The strategies followed by the CATH to classify the proteins are are:
Those proteins which are closely related are classified by comparing their sequences. Those protein homologies which are very distantly related are used to be related by the sequence profiling and structural comparison. Those structures which cannot be classified by following this method are passed on to the next stage where it is examined by manual and automatic methods to find out the domain boundaries. Those structural domains which still remain unclassified are subjected to the first two methods of classification if still unclassified then they are categorised under new structures in CATH.
DALI:
The Dali structural protein database is based on all-against-all 3D structure comparison of protein structures in the Protein Data Bank ,when proteins evolves it changes its structures, if two residues are in contact in one protein the residues aligned with these two in a related protein are also likely to be in contact. This happens to be true even in very distant homologues, and even if the residues involved change in size Mutations that change the sizes of packed buried residues produce adjustments in the packing of the helices and sheets against one another.L. Holm and C. Sander used these observations to solve the problem of structural alignment of proteins. If the inter-residue contact pattern is preserved in distantly-related proteins, then it should be possible to identify distantly-related proteins by detecting conserved contact patterns.

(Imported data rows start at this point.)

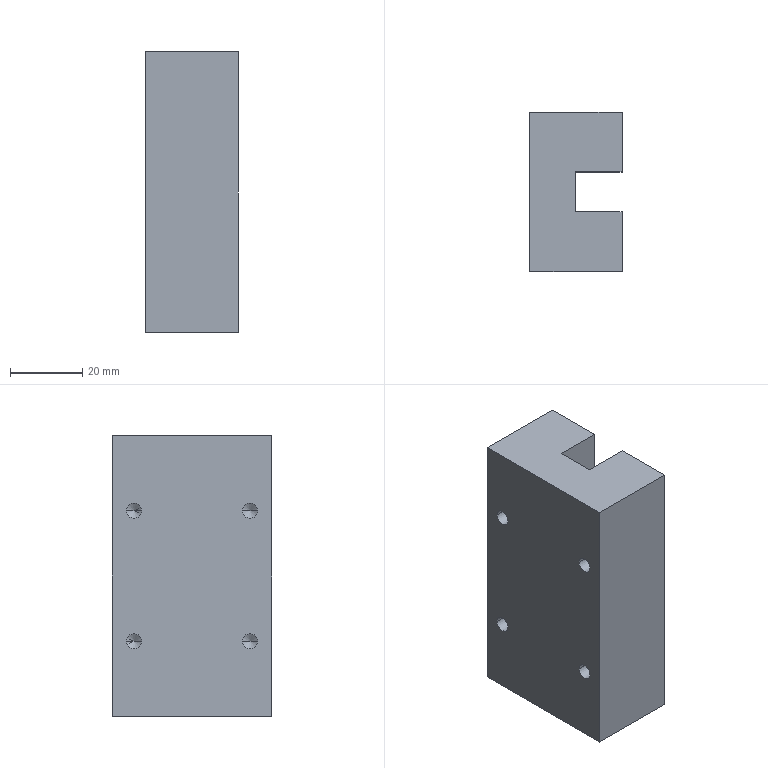Component | SolidWorks | HGH20CASlider-2 | 1 solid | 26 faces | box 25.41 x 44 x 77.5 mm | volume 75261 mm3 | plane 10 | cylinder 8 | cone 8 | commonest cylinder face diameters 4.2 x8
build123d program:
from build123d import *

# Parameters (mm, degrees)
SKETCH1_W             = 44
SKETCH1_H             = 77.5
BOSS_EXTRUDE1_DEPTH   = 25.4
SKETCH2_W             = 11
SKETCH2_H             = 12.9
CUT_EXTRUDE1_DEPTH    = 77.5
M5_TAPPED_HOLE1_D     = 4.2
M5_TAPPED_HOLE1_DEPTH = 6
M5_TAPPED_HOLE1_TIP   = 1.262


with BuildPart() as part:
    # Sketch1 → Boss-Extrude1 (new body)
    with BuildSketch(Plane.XY):
        Rectangle(SKETCH1_W, SKETCH1_H)
    extrude(amount=BOSS_EXTRUDE1_DEPTH)

    # Sketch2 → Cut-Extrude1 (cut)
    with BuildSketch(Plane(origin=(0, 38.75, 0), x_dir=(1, 0, 0), z_dir=(0, 1, 0))):
        with Locations((0, -18.95)):
            Rectangle(SKETCH2_W, SKETCH2_H)
    extrude(amount=-CUT_EXTRUDE1_DEPTH, mode=Mode.SUBTRACT)

    # M5 Tapped Hole1
    with Locations(Plane(origin=(0, 0, 0), x_dir=(-1, 0, 0), z_dir=(0, 0, -1))):
        with Locations((-16, 18), (-16, -18), (16, 18), (16, -18)):
            Hole(M5_TAPPED_HOLE1_D / 2, depth=M5_TAPPED_HOLE1_DEPTH)
            with Locations((0, 0, -(M5_TAPPED_HOLE1_DEPTH + M5_TAPPED_HOLE1_TIP / 2))):  # 118° drill point
                Cone(0, M5_TAPPED_HOLE1_D / 2, M5_TAPPED_HOLE1_TIP, mode=Mode.SUBTRACT)


solid = part.part

# Placed as in the assembly
solid = solid.moved(Location((1956.163, 3833.761, 1079.241), (90, 90, 0)))
STEP:
#1=COLOUR_RGB('',0.7922,0.8196,0.9333);
#2=FILL_AREA_STYLE_COLOUR('',#1);
#3=FILL_AREA_STYLE('',(#2));
#4=SURFACE_STYLE_FILL_AREA(#3);
#5=SURFACE_SIDE_STYLE('',(#4));
#6=SURFACE_STYLE_USAGE(.BOTH.,#5);
#7=PRESENTATION_STYLE_ASSIGNMENT((#6));
#8=CARTESIAN_POINT('',(77.251,150.223,41.781));
#9=VERTEX_POINT('',#8);
#10=CARTESIAN_POINT('',(77.251,150.388,41.781));
#11=VERTEX_POINT('',#10);
#12=CARTESIAN_POINT('',(77.251,150.306,41.781));
#13=DIRECTION('',(-1.,-0.0001552,-0.));
#14=DIRECTION('',(-0.0001552,1.,0.));
#15=AXIS2_PLACEMENT_3D('',#12,#13,#14);
#16=CIRCLE('',#15,0.08268);
#17=EDGE_CURVE('',#9,#11,#16,.T.);
#18=ORIENTED_EDGE('',*,*,#17,.F.);
#19=CARTESIAN_POINT('',(77.014,150.223,41.781));
#20=VERTEX_POINT('',#19);
#21=CARTESIAN_POINT('',(77.014,150.223,41.781));
#22=DIRECTION('',(-1.,-0.0001552,-0.));
#23=VECTOR('',#22,39.37);
#24=LINE('',#21,#23);
#25=EDGE_CURVE('',#9,#20,#24,.T.);
#26=ORIENTED_EDGE('',*,*,#25,.T.);
#27=CARTESIAN_POINT('',(77.014,150.388,41.781));
#28=VERTEX_POINT('',#27);
#29=CARTESIAN_POINT('',(77.014,150.305,41.781));
#30=DIRECTION('',(-1.,-0.0001552,-0.));
#31=DIRECTION('',(-0.0001552,1.,0.));
#32=AXIS2_PLACEMENT_3D('',#29,#30,#31);
#33=CIRCLE('',#32,0.08268);
#34=EDGE_CURVE('',#20,#28,#33,.T.);
#35=ORIENTED_EDGE('',*,*,#34,.T.);
#36=CARTESIAN_POINT('',(77.014,150.388,41.781));
#37=DIRECTION('',(-1.,-0.0001552,-0.));
#38=VECTOR('',#37,39.37);
#39=LINE('',#36,#38);
#40=EDGE_CURVE('',#11,#28,#39,.T.);
#41=ORIENTED_EDGE('',*,*,#40,.F.);
#42=EDGE_LOOP('',(#18,#26,#35,#41));
#43=FACE_OUTER_BOUND('',#42,.T.);
#44=CARTESIAN_POINT('',(77.014,150.305,41.781));
#45=DIRECTION('',(-1.,-0.0001552,-0.));
#46=DIRECTION('',(-0.0001552,1.,0.));
#47=AXIS2_PLACEMENT_3D('',#44,#45,#46);
#48=CYLINDRICAL_SURFACE('',#47,0.08268);
#49=ADVANCED_FACE('',(#43),#48,.F.);
#50=CARTESIAN_POINT('',(77.3,150.306,41.781));
#51=VERTEX_POINT('',#50);
#52=CARTESIAN_POINT('',(77.251,150.388,41.781));
#53=DIRECTION('',(-0.5152,0.8571,-0.));
#54=VECTOR('',#53,39.37);
#55=LINE('',#52,#54);
#56=EDGE_CURVE('',#51,#11,#55,.T.);
#57=ORIENTED_EDGE('',*,*,#56,.F.);
#58=CARTESIAN_POINT('',(77.251,150.223,41.781));
#59=DIRECTION('',(-0.5149,-0.8572,0.));
#60=VECTOR('',#59,39.37);
#61=LINE('',#58,#60);
#62=EDGE_CURVE('',#51,#9,#61,.T.);
#63=ORIENTED_EDGE('',*,*,#62,.T.);
#64=ORIENTED_EDGE('',*,*,#17,.T.);
#65=EDGE_LOOP('',(#57,#63,#64));
#66=FACE_OUTER_BOUND('',#65,.T.);
#67=CARTESIAN_POINT('',(77.251,150.306,41.781));
#68=DIRECTION('',(-1.,-0.0001552,-0.));
#69=DIRECTION('',(-0.0001552,1.,0.));
#70=AXIS2_PLACEMENT_3D('',#67,#68,#69);
#71=CONICAL_SURFACE('',#70,0.08268,1.03);
#72=ADVANCED_FACE('',(#66),#71,.F.);
#73=CARTESIAN_POINT('',(77.251,150.223,43.198));
#74=VERTEX_POINT('',#73);
#75=CARTESIAN_POINT('',(77.251,150.388,43.198));
#76=VERTEX_POINT('',#75);
#77=CARTESIAN_POINT('',(77.251,150.306,43.198));
#78=DIRECTION('',(-1.,-0.0001552,-0.));
#79=DIRECTION('',(-0.0001552,1.,0.));
#80=AXIS2_PLACEMENT_3D('',#77,#78,#79);
#81=CIRCLE('',#80,0.08268);
#82=EDGE_CURVE('',#74,#76,#81,.T.);
#83=ORIENTED_EDGE('',*,*,#82,.F.);
#84=CARTESIAN_POINT('',(77.014,150.223,43.198));
#85=VERTEX_POINT('',#84);
#86=CARTESIAN_POINT('',(77.014,150.223,43.198));
#87=DIRECTION('',(-1.,-0.0001552,-0.));
#88=VECTOR('',#87,39.37);
#89=LINE('',#86,#88);
#90=EDGE_CURVE('',#74,#85,#89,.T.);
#91=ORIENTED_EDGE('',*,*,#90,.T.);
#92=CARTESIAN_POINT('',(77.014,150.388,43.198));
#93=VERTEX_POINT('',#92);
#94=CARTESIAN_POINT('',(77.014,150.305,43.198));
#95=DIRECTION('',(-1.,-0.0001552,-0.));
#96=DIRECTION('',(-0.0001552,1.,0.));
#97=AXIS2_PLACEMENT_3D('',#94,#95,#96);
#98=CIRCLE('',#97,0.08268);
#99=EDGE_CURVE('',#85,#93,#98,.T.);
#100=ORIENTED_EDGE('',*,*,#99,.T.);
#101=CARTESIAN_POINT('',(77.014,150.388,43.198));
#102=DIRECTION('',(-1.,-0.0001552,-0.));
#103=VECTOR('',#102,39.37);
#104=LINE('',#101,#103);
#105=EDGE_CURVE('',#76,#93,#104,.T.);
#106=ORIENTED_EDGE('',*,*,#105,.F.);
#107=EDGE_LOOP('',(#83,#91,#100,#106));
#108=FACE_OUTER_BOUND('',#107,.T.);
#109=CARTESIAN_POINT('',(77.014,150.305,43.198));
#110=DIRECTION('',(-1.,-0.0001552,-0.));
#111=DIRECTION('',(-0.0001552,1.,0.));
#112=AXIS2_PLACEMENT_3D('',#109,#110,#111);
#113=CYLINDRICAL_SURFACE('',#112,0.08268);
#114=ADVANCED_FACE('',(#108),#113,.F.);
#115=CARTESIAN_POINT('',(77.3,150.306,43.198));
#116=VERTEX_POINT('',#115);
#117=CARTESIAN_POINT('',(77.251,150.388,43.198));
#118=DIRECTION('',(-0.5152,0.8571,-0.));
#119=VECTOR('',#118,39.37);
#120=LINE('',#117,#119);
#121=EDGE_CURVE('',#116,#76,#120,.T.);
#122=ORIENTED_EDGE('',*,*,#121,.F.);
#123=CARTESIAN_POINT('',(77.251,150.223,43.198));
#124=DIRECTION('',(-0.5149,-0.8572,0.));
#125=VECTOR('',#124,39.37);
#126=LINE('',#123,#125);
#127=EDGE_CURVE('',#116,#74,#126,.T.);
#128=ORIENTED_EDGE('',*,*,#127,.T.);
#129=ORIENTED_EDGE('',*,*,#82,.T.);
#130=EDGE_LOOP('',(#122,#128,#129));
#131=FACE_OUTER_BOUND('',#130,.T.);
#132=CARTESIAN_POINT('',(77.251,150.306,43.198));
#133=DIRECTION('',(-1.,-0.0001552,-0.));
#134=DIRECTION('',(-0.0001552,1.,0.));
#135=AXIS2_PLACEMENT_3D('',#132,#133,#134);
#136=CONICAL_SURFACE('',#135,0.08268,1.03);
#137=ADVANCED_FACE('',(#131),#136,.F.);
#138=CARTESIAN_POINT('',(77.25,151.483,41.781));
#139=VERTEX_POINT('',#138);
#140=CARTESIAN_POINT('',(77.25,151.648,41.781));
#141=VERTEX_POINT('',#140);
#142=CARTESIAN_POINT('',(77.25,151.565,41.781));
#143=DIRECTION('',(-1.,-0.0001552,-0.));
#144=DIRECTION('',(-0.0001552,1.,0.));
#145=AXIS2_PLACEMENT_3D('',#142,#143,#144);
#146=CIRCLE('',#145,0.08268);
#147=EDGE_CURVE('',#139,#141,#146,.T.);
#148=ORIENTED_EDGE('',*,*,#147,.F.);
#149=CARTESIAN_POINT('',(77.014,151.483,41.781));
#150=VERTEX_POINT('',#149);
#151=CARTESIAN_POINT('',(77.014,151.483,41.781));
#152=DIRECTION('',(-1.,-0.0001552,-0.));
#153=VECTOR('',#152,39.37);
#154=LINE('',#151,#153);
#155=EDGE_CURVE('',#139,#150,#154,.T.);
#156=ORIENTED_EDGE('',*,*,#155,.T.);
#157=CARTESIAN_POINT('',(77.014,151.648,41.781));
#158=VERTEX_POINT('',#157);
#159=CARTESIAN_POINT('',(77.014,151.565,41.781));
#160=DIRECTION('',(-1.,-0.0001552,-0.));
#161=DIRECTION('',(-0.0001552,1.,0.));
#162=AXIS2_PLACEMENT_3D('',#159,#160,#161);
#163=CIRCLE('',#162,0.08268);
#164=EDGE_CURVE('',#150,#158,#163,.T.);
#165=ORIENTED_EDGE('',*,*,#164,.T.);
#166=CARTESIAN_POINT('',(77.014,151.648,41.781));
#167=DIRECTION('',(-1.,-0.0001552,-0.));
#168=VECTOR('',#167,39.37);
#169=LINE('',#166,#168);
#170=EDGE_CURVE('',#141,#158,#169,.T.);
#171=ORIENTED_EDGE('',*,*,#170,.F.);
#172=EDGE_LOOP('',(#148,#156,#165,#171));
#173=FACE_OUTER_BOUND('',#172,.T.);
#174=CARTESIAN_POINT('',(77.014,151.565,41.781));
#175=DIRECTION('',(-1.,-0.0001552,-0.));
#176=DIRECTION('',(-0.0001552,1.,0.));
#177=AXIS2_PLACEMENT_3D('',#174,#175,#176);
#178=CYLINDRICAL_SURFACE('',#177,0.08268);
#179=ADVANCED_FACE('',(#173),#178,.F.);
#180=CARTESIAN_POINT('',(77.3,151.565,41.781));
#181=VERTEX_POINT('',#180);
#182=CARTESIAN_POINT('',(77.25,151.648,41.781));
#183=DIRECTION('',(-0.5152,0.8571,-0.));
#184=VECTOR('',#183,39.37);
#185=LINE('',#182,#184);
#186=EDGE_CURVE('',#181,#141,#185,.T.);
#187=ORIENTED_EDGE('',*,*,#186,.F.);
#188=CARTESIAN_POINT('',(77.25,151.483,41.781));
#189=DIRECTION('',(-0.5149,-0.8572,0.));
#190=VECTOR('',#189,39.37);
#191=LINE('',#188,#190);
#192=EDGE_CURVE('',#181,#139,#191,.T.);
#193=ORIENTED_EDGE('',*,*,#192,.T.);
#194=ORIENTED_EDGE('',*,*,#147,.T.);
#195=EDGE_LOOP('',(#187,#193,#194));
#196=FACE_OUTER_BOUND('',#195,.T.);
#197=CARTESIAN_POINT('',(77.25,151.565,41.781));
#198=DIRECTION('',(-1.,-0.0001552,-0.));
#199=DIRECTION('',(-0.0001552,1.,0.));
#200=AXIS2_PLACEMENT_3D('',#197,#198,#199);
#201=CONICAL_SURFACE('',#200,0.08268,1.03);
#202=ADVANCED_FACE('',(#196),#201,.F.);
#203=CARTESIAN_POINT('',(77.25,151.483,43.198));
#204=VERTEX_POINT('',#203);
#205=CARTESIAN_POINT('',(77.25,151.648,43.198));
#206=VERTEX_POINT('',#205);
#207=CARTESIAN_POINT('',(77.25,151.565,43.198));
#208=DIRECTION('',(-1.,-0.0001552,-0.));
#209=DIRECTION('',(-0.0001552,1.,0.));
#210=AXIS2_PLACEMENT_3D('',#207,#208,#209);
#211=CIRCLE('',#210,0.08268);
#212=EDGE_CURVE('',#204,#206,#211,.T.);
#213=ORIENTED_EDGE('',*,*,#212,.F.);
#214=CARTESIAN_POINT('',(77.014,151.483,43.198));
#215=VERTEX_POINT('',#214);
#216=CARTESIAN_POINT('',(77.014,151.483,43.198));
#217=DIRECTION('',(-1.,-0.0001552,-0.));
#218=VECTOR('',#217,39.37);
#219=LINE('',#216,#218);
#220=EDGE_CURVE('',#204,#215,#219,.T.);
#221=ORIENTED_EDGE('',*,*,#220,.T.);
#222=CARTESIAN_POINT('',(77.014,151.648,43.198));
#223=VERTEX_POINT('',#222);
#224=CARTESIAN_POINT('',(77.014,151.565,43.198));
#225=DIRECTION('',(-1.,-0.0001552,-0.));
#226=DIRECTION('',(-0.0001552,1.,0.));
#227=AXIS2_PLACEMENT_3D('',#224,#225,#226);
#228=CIRCLE('',#227,0.08268);
#229=EDGE_CURVE('',#215,#223,#228,.T.);
#230=ORIENTED_EDGE('',*,*,#229,.T.);
#231=CARTESIAN_POINT('',(77.014,151.648,43.198));
#232=DIRECTION('',(-1.,-0.0001552,-0.));
#233=VECTOR('',#232,39.37);
#234=LINE('',#231,#233);
#235=EDGE_CURVE('',#206,#223,#234,.T.);
#236=ORIENTED_EDGE('',*,*,#235,.F.);
#237=EDGE_LOOP('',(#213,#221,#230,#236));
#238=FACE_OUTER_BOUND('',#237,.T.);
#239=CARTESIAN_POINT('',(77.014,151.565,43.198));
#240=DIRECTION('',(-1.,-0.0001552,-0.));
#241=DIRECTION('',(-0.0001552,1.,0.));
#242=AXIS2_PLACEMENT_3D('',#239,#240,#241);
#243=CYLINDRICAL_SURFACE('',#242,0.08268);
#244=ADVANCED_FACE('',(#238),#243,.F.);
#245=CARTESIAN_POINT('',(77.3,151.565,43.198));
#246=VERTEX_POINT('',#245);
#247=CARTESIAN_POINT('',(77.25,151.648,43.198));
#248=DIRECTION('',(-0.5152,0.8571,-0.));
#249=VECTOR('',#248,39.37);
#250=LINE('',#247,#249);
#251=EDGE_CURVE('',#246,#206,#250,.T.);
#252=ORIENTED_EDGE('',*,*,#251,.F.);
#253=CARTESIAN_POINT('',(77.25,151.483,43.198));
#254=DIRECTION('',(-0.5149,-0.8572,0.));
#255=VECTOR('',#254,39.37);
#256=LINE('',#253,#255);
#257=EDGE_CURVE('',#246,#204,#256,.T.);
#258=ORIENTED_EDGE('',*,*,#257,.T.);
#259=ORIENTED_EDGE('',*,*,#212,.T.);
#260=EDGE_LOOP('',(#252,#258,#259));
#261=FACE_OUTER_BOUND('',#260,.T.);
#262=CARTESIAN_POINT('',(77.25,151.565,43.198));
#263=DIRECTION('',(-1.,-0.0001552,-0.));
#264=DIRECTION('',(-0.0001552,1.,0.));
#265=AXIS2_PLACEMENT_3D('',#262,#263,#264);
#266=CONICAL_SURFACE('',#265,0.08268,1.03);
#267=ADVANCED_FACE('',(#261),#266,.F.);
#268=CARTESIAN_POINT('',(78.014,151.152,44.015));
#269=VERTEX_POINT('',#268);
#270=CARTESIAN_POINT('',(78.014,151.152,40.964));
#271=VERTEX_POINT('',#270);
#272=CARTESIAN_POINT('',(78.014,151.152,44.683));
#273=DIRECTION('',(0.,-0.,-1.));
#274=VECTOR('',#273,39.37);
#275=LINE('',#272,#274);
#276=EDGE_CURVE('',#269,#271,#275,.T.);
#277=ORIENTED_EDGE('',*,*,#276,.T.);
#278=CARTESIAN_POINT('',(78.014,151.802,40.964));
#279=VERTEX_POINT('',#278);
#280=CARTESIAN_POINT('',(78.014,150.069,40.964));
#281=DIRECTION('',(-0.0001552,1.,-0.));
#282=VECTOR('',#281,39.37);
#283=LINE('',#280,#282);
#284=EDGE_CURVE('',#271,#279,#283,.T.);
#285=ORIENTED_EDGE('',*,*,#284,.T.);
#286=CARTESIAN_POINT('',(78.014,151.802,44.015));
#287=VERTEX_POINT('',#286);
#288=CARTESIAN_POINT('',(78.014,151.802,44.015));
#289=DIRECTION('',(-0.,0.,1.));
#290=VECTOR('',#289,39.37);
#291=LINE('',#288,#290);
#292=EDGE_CURVE('',#279,#287,#291,.T.);
#293=ORIENTED_EDGE('',*,*,#292,.T.);
#294=CARTESIAN_POINT('',(78.014,150.069,44.015));
#295=DIRECTION('',(0.0001552,-1.,0.));
#296=VECTOR('',#295,39.37);
#297=LINE('',#294,#296);
#298=EDGE_CURVE('',#287,#269,#297,.T.);
#299=ORIENTED_EDGE('',*,*,#298,.T.);
#300=EDGE_LOOP('',(#277,#285,#293,#299));
#301=FACE_OUTER_BOUND('',#300,.T.);
#302=CARTESIAN_POINT('',(78.014,150.936,42.49));
#303=DIRECTION('',(1.,0.0001552,0.));
#304=DIRECTION('',(0.0001552,-1.,0.));
#305=AXIS2_PLACEMENT_3D('',#302,#303,#304);
#306=PLANE('',#305);
#307=ADVANCED_FACE('',(#301),#306,.T.);
#308=CARTESIAN_POINT('',(77.014,151.802,40.964));
#309=VERTEX_POINT('',#308);
#310=CARTESIAN_POINT('',(77.014,151.802,44.015));
#311=VERTEX_POINT('',#310);
#312=CARTESIAN_POINT('',(77.014,151.802,44.015));
#313=DIRECTION('',(-0.,0.,1.));
#314=VECTOR('',#313,39.37);
#315=LINE('',#312,#314);
#316=EDGE_CURVE('',#309,#311,#315,.T.);
#317=ORIENTED_EDGE('',*,*,#316,.T.);
#318=CARTESIAN_POINT('',(78.014,151.802,44.015));
#319=DIRECTION('',(-1.,-0.0001552,-0.));
#320=VECTOR('',#319,39.37);
#321=LINE('',#318,#320);
#322=EDGE_CURVE('',#287,#311,#321,.T.);
#323=ORIENTED_EDGE('',*,*,#322,.F.);
#324=ORIENTED_EDGE('',*,*,#292,.F.);
#325=CARTESIAN_POINT('',(78.014,151.802,40.964));
#326=DIRECTION('',(-1.,-0.0001552,-0.));
#327=VECTOR('',#326,39.37);
#328=LINE('',#325,#327);
#329=EDGE_CURVE('',#279,#309,#328,.T.);
#330=ORIENTED_EDGE('',*,*,#329,.T.);
#331=EDGE_LOOP('',(#317,#323,#324,#330));
#332=FACE_OUTER_BOUND('',#331,.T.);
#333=CARTESIAN_POINT('',(78.014,151.802,44.015));
#334=DIRECTION('',(0.0001552,-1.,0.));
#335=DIRECTION('',(-1.,-0.0001552,-0.));
#336=AXIS2_PLACEMENT_3D('',#333,#334,#335);
#337=PLANE('',#336);
#338=ADVANCED_FACE('',(#332),#337,.F.);
#339=CARTESIAN_POINT('',(77.506,151.152,44.015));
#340=VERTEX_POINT('',#339);
#341=CARTESIAN_POINT('',(77.506,150.719,44.015));
#342=VERTEX_POINT('',#341);
#343=CARTESIAN_POINT('',(77.506,151.152,44.015));
#344=DIRECTION('',(0.0001552,-1.,0.));
#345=VECTOR('',#344,39.37);
#346=LINE('',#343,#345);
#347=EDGE_CURVE('',#340,#342,#346,.T.);
#348=ORIENTED_EDGE('',*,*,#347,.F.);
#349=CARTESIAN_POINT('',(78.014,151.152,44.015));
#350=DIRECTION('',(-1.,-0.0001552,-0.));
#351=VECTOR('',#350,39.37);
#352=LINE('',#349,#351);
#353=EDGE_CURVE('',#269,#340,#352,.T.);
#354=ORIENTED_EDGE('',*,*,#353,.F.);
#355=ORIENTED_EDGE('',*,*,#298,.F.);
#356=ORIENTED_EDGE('',*,*,#322,.T.);
#357=CARTESIAN_POINT('',(77.014,150.069,44.015));
#358=VERTEX_POINT('',#357);
#359=CARTESIAN_POINT('',(77.014,150.069,44.015));
#360=DIRECTION('',(0.0001552,-1.,0.));
#361=VECTOR('',#360,39.37);
#362=LINE('',#359,#361);
#363=EDGE_CURVE('',#311,#358,#362,.T.);
#364=ORIENTED_EDGE('',*,*,#363,.T.);
#365=CARTESIAN_POINT('',(78.014,150.069,44.015));
#366=VERTEX_POINT('',#365);
#367=CARTESIAN_POINT('',(78.014,150.069,44.015));
#368=DIRECTION('',(-1.,-0.0001552,-0.));
#369=VECTOR('',#368,39.37);
#370=LINE('',#367,#369);
#371=EDGE_CURVE('',#366,#358,#370,.T.);
#372=ORIENTED_EDGE('',*,*,#371,.F.);
#373=CARTESIAN_POINT('',(78.014,150.719,44.015));
#374=VERTEX_POINT('',#373);
#375=CARTESIAN_POINT('',(78.014,150.069,44.015));
#376=DIRECTION('',(0.0001552,-1.,0.));
#377=VECTOR('',#376,39.37);
#378=LINE('',#375,#377);
#379=EDGE_CURVE('',#374,#366,#378,.T.);
#380=ORIENTED_EDGE('',*,*,#379,.F.);
#381=CARTESIAN_POINT('',(78.014,150.719,44.015));
#382=DIRECTION('',(1.,0.0001552,0.));
#383=VECTOR('',#382,39.37);
#384=LINE('',#381,#383);
#385=EDGE_CURVE('',#342,#374,#384,.T.);
#386=ORIENTED_EDGE('',*,*,#385,.F.);
#387=EDGE_LOOP('',(#348,#354,#355,#356,#364,#372,#380,#386));
#388=FACE_OUTER_BOUND('',#387,.T.);
#389=CARTESIAN_POINT('',(78.014,150.069,44.015));
#390=DIRECTION('',(0.,-0.,-1.));
#391=DIRECTION('',(1.,0.0001552,0.));
#392=AXIS2_PLACEMENT_3D('',#389,#390,#391);
#393=PLANE('',#392);
#394=ADVANCED_FACE('',(#388),#393,.F.);
#395=CARTESIAN_POINT('',(77.014,150.069,40.964));
#396=VERTEX_POINT('',#395);
#397=CARTESIAN_POINT('',(77.014,150.069,44.015));
#398=DIRECTION('',(0.,-0.,-1.));
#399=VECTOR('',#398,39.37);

Holm and Sander developed an efficient program called DALI that is now in common use for identifying proteins with folding patterns similar to that of a query structure. The Dali program is used for carrying out automatic comparisons of protein structures determined by X-ray crystallography or NMR. The familiar version is the Dali server, which performs a database search comparing a query structure supplied by the user against the database of known structures and returns the list of structural neighbors by e-mail. The Dali program runs fast enough to carry out routine screens of the entire The Dali Domain Classification is an automatically created classification of protein structures into domain families. First each protein chain is decomposed to domains using the DomainParser2 program. Then the similarity between each pair of domains is calculated by using the Dali structural comparison algorithm. The taxonomy is derived fully automatically from measurements of structural, functional and sequence similarities .All Dali resources use an identical algorithm for structure comparison. Users may run Dali using the Web, or the program may be downloaded to be run locally on Linux computers. The more recently introduced DaliLite server compares two structures against each other and visualizes the result interactively.